While it's true you can save a lot of time and gas buying a router table with all the bells and whistles. The basics are a top, plate for router, a fence system, and a couple of clamps. 

Ultimately the decision is yours to make on what you think your abilities are and if you can feel some sort of accomplishment knowing you built it yourself, after all we are learning to work with wood and you learn by doing.


----------



## volunteers (Mar 4, 2011)

Thanks everybody for the comments. 
I decide to build one by myself since it looks not as difficult as I thought. 

From that top thread of the forum, it required:
1 Harbor Freight router mounting plate.
1 Rousseau RM3509-T Template mounting kit

It is easy to find Rousseau RM3509-T from amazon, but what is that Harbor Freight router mounting plate? I cannot even find it from Harbor Freight's website.


----------



## woodjoiner (Mar 23, 2011)

Hey, Will 
There is no plate for the router at harbor freight only tables for routers.
The Rousseau RM3509-T plate from amazon looks to be a good choice. If you have any woodworking supply places close and your in a hurry to get started you can check to see what they have.


----------



## bobj3 (Jan 17, 2006)

Hi

HF has dropped the router plate but you can get the same thing from below with free shipping, it's the same plate as the HF sold.. just a bit higher in price. but it's still the best plate on the market..bar none... have 6 new ones in my shop.. just in case I need a one.. 

Router accessories

======


----------



## volunteers (Mar 4, 2011)

Hi Bj
I have ordered "Rousseau RM3509-T Template mounting kit" from amazon.
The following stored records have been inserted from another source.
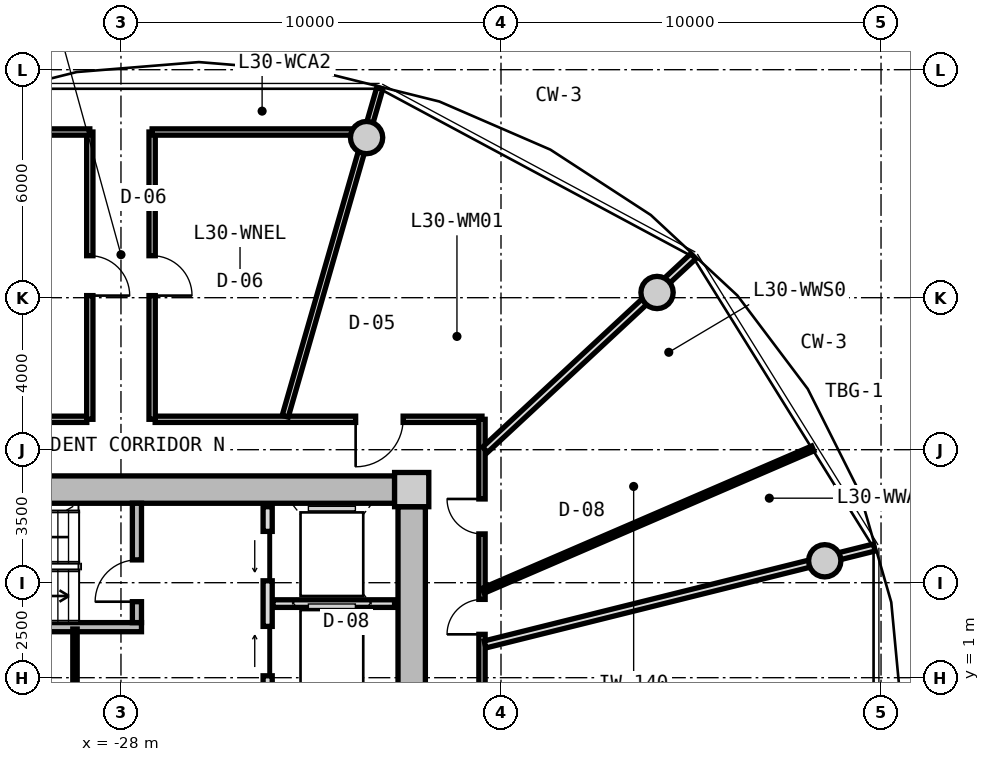
"""IFC4 building model, lengths in metres.
Left out: names, types, materials, properties, quantities, classifications, styles, units other than length and angle.
Written with IfcOpenShell. Run it as: python <this file> out.ifc"""

import sys

from ifc_helpers import new_model, si_unit, direction, frame, frame_2d, origin, origin_2d, place, context, subcontext, project, spatial, rectangle, circle, extrude, source, transform, mapped, element, fill, save


model = new_model("IFC4")
c1 = context("Model", 3, precision=1e-05, world=origin(), true_north=direction((0.0, 1.0)))
c2 = subcontext(c1, "Body", "Model", "MODEL_VIEW")
j1 = project(units=[si_unit("LENGTHUNIT", "METRE"), si_unit("PLANEANGLEUNIT", "RADIAN")], contexts=[c1])
p1 = place(None, origin())
s1 = spatial("IfcSite", under=j1, at=p1, CompositionType="ELEMENT")
p2 = place(p1, origin())
s2 = spatial("IfcBuilding", under=s1, at=p2, CompositionType="ELEMENT")
p3 = place(p2, frame((0.0, 0.0, 99.3)))
s3 = spatial("IfcBuildingStorey", under=s2, at=p3, CompositionType="ELEMENT", Elevation=99.3)
m1 = source(origin(), c2, "Body", "SweptSolid", [
    extrude(rectangle(XDim=0.9, YDim=0.9, at=origin_2d()), origin(), (0.0, 0.0, 1.0), 3.05),
])
p4 = place(p3, frame((-20.35, 5.95, 0.0), z_axis=(0.0, 0.0, 1.0), x_axis=(1.0, 0.0, 0.0)))
e1 = element("IfcColumn", 1, at=p4, inside=s3, PredefinedType="COLUMN", context=c2, shape_type="MappedRepresentation", body=[
    mapped(m1, transform((0.0, 0.0, 0.0), x_axis=(1.0, 0.0, 0.0), y_axis=(0.0, 1.0, 0.0), z_axis=(0.0, 0.0, 1.0), scale=1.0)),
])
m2 = source(origin(), c2, "Body", "SweptSolid", [
    extrude(rectangle(XDim=14.4, YDim=0.72, at=frame_2d((7.2, 0.0))), origin(), (0.0, 0.0, 1.0), 2.79),
])
p5 = place(p3, frame((-35.2, 5.95, 0.0), z_axis=(0.0, 0.0, 1.0), x_axis=(1.0, 0.0, 0.0)))
e2 = element("IfcWall", 2, at=p5, inside=s3, PredefinedType="SHEAR", context=c2, shape_type="MappedRepresentation", body=[
    mapped(m2, transform((0.0, 0.0, 0.0), x_axis=(1.0, 0.0, 0.0), y_axis=(0.0, 1.0, 0.0), z_axis=(0.0, 0.0, 1.0), scale=1.0)),
])
m3 = source(origin(), c2, "Body", "SweptSolid", [
    extrude(rectangle(XDim=11.0, YDim=0.72, at=frame_2d((5.5, 0.0))), origin(), (0.0, 0.0, 1.0), 2.79),
])
p6 = place(p3, frame((-20.35, 5.5, 0.0), z_axis=(0.0, 0.0, 1.0), x_axis=(0.0, -1.0, 0.0)))
e3 = element("IfcWall", 3, at=p6, inside=s3, PredefinedType="SHEAR", context=c2, shape_type="MappedRepresentation", body=[
    mapped(m3, transform((0.0, 0.0, 0.0), x_axis=(1.0, 0.0, 0.0), y_axis=(0.0, 1.0, 0.0), z_axis=(0.0, 0.0, 1.0), scale=1.0)),
])
p7 = place(p6, frame((5.65, 0.0, 0.0)))
e4 = element("IfcOpeningElement", 4, at=p7, cuts=e3, PredefinedType="OPENING", context=c2, shape_type="SweptSolid", body=[
    extrude(rectangle(XDim=1.2, YDim=2.15, at=frame_2d((0.6, 1.075))), frame((0.0, 0.37, 0.0), z_axis=(0.0, -1.0, 0.0), x_axis=(1.0, 0.0, 0.0)), (0.0, 0.0, 1.0), 0.74),
])
m4 = source(origin(), c2, "Body", "SweptSolid", [
    extrude(circle(Radius=0.425, at=origin_2d()), origin(), (0.0, 0.0, 1.0), 3.05),
])
for number, where, z_axis, x_axis in (
    (5, (-9.481, 4.076, 0.0), (0.0, 0.0, 1.0), (1.0, 0.0, 0.0)),
    (6, (-13.894, 11.137, 0.0), (0.0, 0.0, 1.0), (1.0, 0.0, 0.0)),
    (7, (-21.537, 15.213, 0.0), (0.0, 0.0, 1.0), (1.0, 0.0, 0.0)),
):
    element("IfcColumn", number, at=place(p3, frame(where, z_axis=z_axis, x_axis=x_axis)), inside=s3, PredefinedType="COLUMN", context=c2, shape_type="MappedRepresentation", body=[
        mapped(m4, transform((0.0, 0.0, 0.0), x_axis=(1.0, 0.0, 0.0), y_axis=(0.0, 1.0, 0.0), z_axis=(0.0, 0.0, 1.0), scale=1.0)),
    ])
m5 = source(origin(), c2, "Body", "SweptSolid", [
    extrude(rectangle(XDim=7.83, YDim=0.24, at=frame_2d((3.915, 0.0))), origin(), (0.0, 0.0, 1.0), 2.79),
])
p8 = place(p3, frame((-35.29, 2.33, 0.0), z_axis=(0.0, 0.0, 1.0), x_axis=(1.0, 0.0, 0.0)))
e8 = element("IfcWall", 8, at=p8, inside=s3, PredefinedType="PARTITIONING", context=c2, shape_type="MappedRepresentation", body=[
    mapped(m5, transform((0.0, 0.0, 0.0), x_axis=(1.0, 0.0, 0.0), y_axis=(0.0, 1.0, 0.0), z_axis=(0.0, 0.0, 1.0), scale=1.0)),
])
m6 = source(origin(), c2, "Body", "SweptSolid", [
    extrude(rectangle(XDim=3.14, YDim=0.24, at=frame_2d((1.57, 0.0))), origin(), (0.0, 0.0, 1.0), 2.79),
])
p9 = place(p3, frame((-27.58, 2.45, 0.0), z_axis=(0.0, 0.0, 1.0), x_axis=(0.0, 1.0, 0.0)))
e9 = element("IfcWall", 9, at=p9, inside=s3, PredefinedType="PARTITIONING", context=c2, shape_type="MappedRepresentation", body=[
    mapped(m6, transform((0.0, 0.0, 0.0), x_axis=(1.0, 0.0, 0.0), y_axis=(0.0, 1.0, 0.0), z_axis=(0.0, 0.0, 1.0), scale=1.0)),
])
p10 = place(p9, frame((0.55, 0.0, 0.0)))
e10 = element("IfcOpeningElement", 10, at=p10, cuts=e9, PredefinedType="OPENING", context=c2, shape_type="SweptSolid", body=[
    extrude(rectangle(XDim=1.1, YDim=2.15, at=frame_2d((0.55, 1.075))), frame((0.0, 0.13, 0.0), z_axis=(0.0, -1.0, 0.0), x_axis=(1.0, 0.0, 0.0)), (0.0, 0.0, 1.0), 0.26),
])
m7 = source(origin(), c2, "Body", "SweptSolid", [
    extrude(rectangle(XDim=5.0, YDim=0.24, at=frame_2d((2.5, 0.0))), origin(), (0.0, 0.0, 1.0), 2.775),
])
p11 = place(p3, frame((-24.14, 0.5, 0.0), z_axis=(0.0, 0.0, 1.0), x_axis=(0.0, 1.0, 0.0)))
e11 = element("IfcWall", 11, at=p11, inside=s3, PredefinedType="PARTITIONING", context=c2, shape_type="MappedRepresentation", body=[
    mapped(m7, transform((0.0, 0.0, 0.0), x_axis=(1.0, 0.0, 0.0), y_axis=(0.0, 1.0, 0.0), z_axis=(0.0, 0.0, 1.0), scale=1.0)),
])
p12 = place(p11, frame((3.05, 0.0, 0.0)))
e12 = element("IfcOpeningElement", 12, at=p12, cuts=e11, PredefinedType="OPENING", context=c2, shape_type="SweptSolid", body=[
    extrude(rectangle(XDim=1.3, YDim=2.2, at=frame_2d((0.65, 1.1))), frame((0.0, 0.13, 0.0), z_axis=(0.0, -1.0, 0.0), x_axis=(1.0, 0.0, 0.0)), (0.0, 0.0, 1.0), 0.26),
])
p13 = place(p11, frame((0.55, 0.0, 0.0)))
e13 = element("IfcOpeningElement", 13, at=p13, cuts=e11, PredefinedType="OPENING", context=c2, shape_type="SweptSolid", body=[
    extrude(rectangle(XDim=1.3, YDim=2.2, at=frame_2d((0.65, 1.1))), frame((0.0, 0.13, 0.0), z_axis=(0.0, -1.0, 0.0), x_axis=(1.0, 0.0, 0.0)), (0.0, 0.0, 1.0), 0.26),
])
m8 = source(origin(), c2, "Body", "SweptSolid", [
    extrude(rectangle(XDim=3.2, YDim=0.2, at=frame_2d((1.6, 0.0))), origin(), (0.0, 0.0, 1.0), 2.775),
])
p14 = place(p3, frame((-24.0, 2.95, 0.0), z_axis=(0.0, 0.0, 1.0), x_axis=(1.0, 0.0, 0.0)))
e14 = element("IfcWall", 14, at=p14, inside=s3, PredefinedType="PARTITIONING", context=c2, shape_type="MappedRepresentation", body=[
    mapped(m8, transform((0.0, 0.0, 0.0), x_axis=(1.0, 0.0, 0.0), y_axis=(0.0, 1.0, 0.0), z_axis=(0.0, 0.0, 1.0), scale=1.0)),
])
m9 = source(origin(), c2, "Body", "SweptSolid", [
    extrude(rectangle(XDim=2.33, YDim=0.115, at=frame_2d((1.165, 0.0))), origin(), (0.0, 0.0, 1.0), 2.775),
])
p15 = place(p3, frame((-29.21, -0.05, 0.0), z_axis=(0.0, 0.0, 1.0), x_axis=(0.0, 1.0, 0.0)))
e15 = element("IfcWall", 15, at=p15, inside=s3, PredefinedType="PARTITIONING", context=c2, shape_type="MappedRepresentation", body=[
    mapped(m9, transform((0.0, 0.0, 0.0), x_axis=(1.0, 0.0, 0.0), y_axis=(0.0, 1.0, 0.0), z_axis=(0.0, 0.0, 1.0), scale=1.0)),
])
m10 = source(origin(), c2, "Body", "SweptSolid", [
    extrude(rectangle(XDim=8.6, YDim=0.165, at=frame_2d((4.3, 0.0))), origin(), (0.0, 0.0, 1.0), 2.775),
])
p16 = place(p3, frame((-37.5, 7.8, 0.0), z_axis=(0.0, 0.0, 1.0), x_axis=(1.0, 0.0, 0.0)))
e16 = element("IfcWall", 16, at=p16, inside=s3, PredefinedType="PARTITIONING", context=c2, shape_type="MappedRepresentation", body=[
    mapped(m10, transform((0.0, 0.0, 0.0), x_axis=(1.0, 0.0, 0.0), y_axis=(0.0, 1.0, 0.0), z_axis=(0.0, 0.0, 1.0), scale=1.0)),
])
p17 = place(p3, frame((-27.1, 7.8, 0.0), z_axis=(0.0, 0.0, 1.0), x_axis=(1.0, 0.0, 0.0)))
e17 = element("IfcWall", 17, at=p17, inside=s3, PredefinedType="PARTITIONING", context=c2, shape_type="MappedRepresentation", body=[
    mapped(m10, transform((0.0, 0.0, 0.0), x_axis=(1.0, 0.0, 0.0), y_axis=(0.0, 1.0, 0.0), z_axis=(0.0, 0.0, 1.0), scale=1.0)),
])
p18 = place(p17, frame((5.275, 0.0, 0.0)))
e18 = element("IfcOpeningElement", 18, at=p18, cuts=e17, PredefinedType="OPENING", context=c2, shape_type="SweptSolid", body=[
    extrude(rectangle(XDim=1.25, YDim=2.2, at=frame_2d((0.625, 1.1))), frame((0.0, 0.093, 0.0), z_axis=(0.0, -1.0, 0.0), x_axis=(1.0, 0.0, 0.0)), (0.0, 0.0, 1.0), 0.185),
])
m11 = source(origin(), c2, "Body", "SweptSolid", [
    extrude(rectangle(XDim=15.6, YDim=0.165, at=frame_2d((7.8, 0.0))), origin(), (0.0, 0.0, 1.0), 2.775),
])
p19 = place(p3, frame((-18.5, 7.8, 0.0), z_axis=(0.0, 0.0, 1.0), x_axis=(0.0, -1.0, 0.0)))
e19 = element("IfcWall", 19, at=p19, inside=s3, PredefinedType="PARTITIONING", context=c2, shape_type="MappedRepresentation", body=[
    mapped(m11, transform((0.0, 0.0, 0.0), x_axis=(1.0, 0.0, 0.0), y_axis=(0.0, 1.0, 0.0), z_axis=(0.0, 0.0, 1.0), scale=1.0)),
])
p20 = place(p19, frame((9.734, 0.0, 0.0)))
e20 = element("IfcOpeningElement", 20, at=p20, cuts=e19, PredefinedType="OPENING", context=c2, shape_type="SweptSolid", body=[
    extrude(rectangle(XDim=1.25, YDim=2.2, at=frame_2d((0.625, 1.1))), frame((0.0, 0.093, 0.0), z_axis=(0.0, -1.0, 0.0), x_axis=(1.0, 0.0, 0.0)), (0.0, 0.0, 1.0), 0.185),
])
p21 = place(p19, frame((4.739, 0.0, 0.0)))
e21 = element("IfcOpeningElement", 21, at=p21, cuts=e19, PredefinedType="OPENING", context=c2, shape_type="SweptSolid", body=[
    extrude(rectangle(XDim=0.92, YDim=2.1, at=frame_2d((0.46, 1.05))), frame((0.0, 0.093, 0.0), z_axis=(0.0, -1.0, 0.0), x_axis=(1.0, 0.0, 0.0)), (0.0, 0.0, 1.0), 0.185),
])
p22 = place(p19, frame((2.096, 0.0, 0.0)))
e22 = element("IfcOpeningElement", 22, at=p22, cuts=e19, PredefinedType="OPENING", context=c2, shape_type="SweptSolid", body=[
    extrude(rectangle(XDim=0.92, YDim=2.1, at=frame_2d((0.46, 1.05))), frame((0.0, 0.093, 0.0), z_axis=(0.0, -1.0, 0.0), x_axis=(1.0, 0.0, 0.0)), (0.0, 0.0, 1.0), 0.185),
])
m12 = source(origin(), c2, "Body", "SweptSolid", [
    extrude(rectangle(XDim=8.989, YDim=0.165, at=frame_2d((4.495, 0.0))), origin(), (0.0, 0.0, 1.0), 2.275),
])
p23 = place(p3, frame((-23.678, 7.88, 0.0), z_axis=(0.0, 0.0, 1.0), x_axis=(0.27702323008, 0.960863221274, 0.0)))
e23 = element("IfcWall", 23, at=p23, inside=s3, PredefinedType="PARTITIONING", context=c2, shape_type="MappedRepresentation", body=[
    mapped(m12, transform((0.0, 0.0, 0.0), x_axis=(1.0, 0.0, 0.0), y_axis=(0.0, 1.0, 0.0), z_axis=(0.0, 0.0, 1.0), scale=1.0)),
])
m13 = source(origin(), c2, "Body", "SweptSolid", [
    extrude(rectangle(XDim=7.56, YDim=0.165, at=frame_2d((3.78, 0.0))), origin(), (0.0, 0.0, 1.0), 2.775),
])
p24 = place(p3, frame((-28.82, 7.8, 0.0), z_axis=(0.0, 0.0, 1.0), x_axis=(0.0, 1.0, 0.0)))
e24 = element("IfcWall", 24, at=p24, inside=s3, PredefinedType="PARTITIONING", context=c2, shape_type="MappedRepresentation", body=[
    mapped(m13, transform((0.0, 0.0, 0.0), x_axis=(1.0, 0.0, 0.0), y_axis=(0.0, 1.0, 0.0), z_axis=(0.0, 0.0, 1.0), scale=1.0)),
])
p25 = place(p24, frame((3.255, 0.0, 0.0)))
e25 = element("IfcOpeningElement", 25, at=p25, cuts=e24, PredefinedType="OPENING", context=c2, shape_type="SweptSolid", body=[
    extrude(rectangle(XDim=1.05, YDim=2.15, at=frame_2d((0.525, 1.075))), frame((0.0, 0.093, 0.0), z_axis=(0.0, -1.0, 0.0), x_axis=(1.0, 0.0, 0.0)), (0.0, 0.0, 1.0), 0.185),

Do I have to buy that "Installation Template & Bushing Kit", or it is just an option?


----------



## bobj3 (Jan 17, 2006)

Hi Will

It's just a option but it's makes the job easy BUT you can make your own easy or to say use the stick way to install the plate.

VIDEO
HOW TO Inset a Router Base Plate
http://www.popularwoodworking.com/article/router_base_plate_video/

=======



volunteers said:


> Hi Bj
> I have ordered "Rousseau RM3509-T Template mounting kit" from amazon. Do I have to buy that "Installation Template & Bushing Kit", or it is just an option?


----------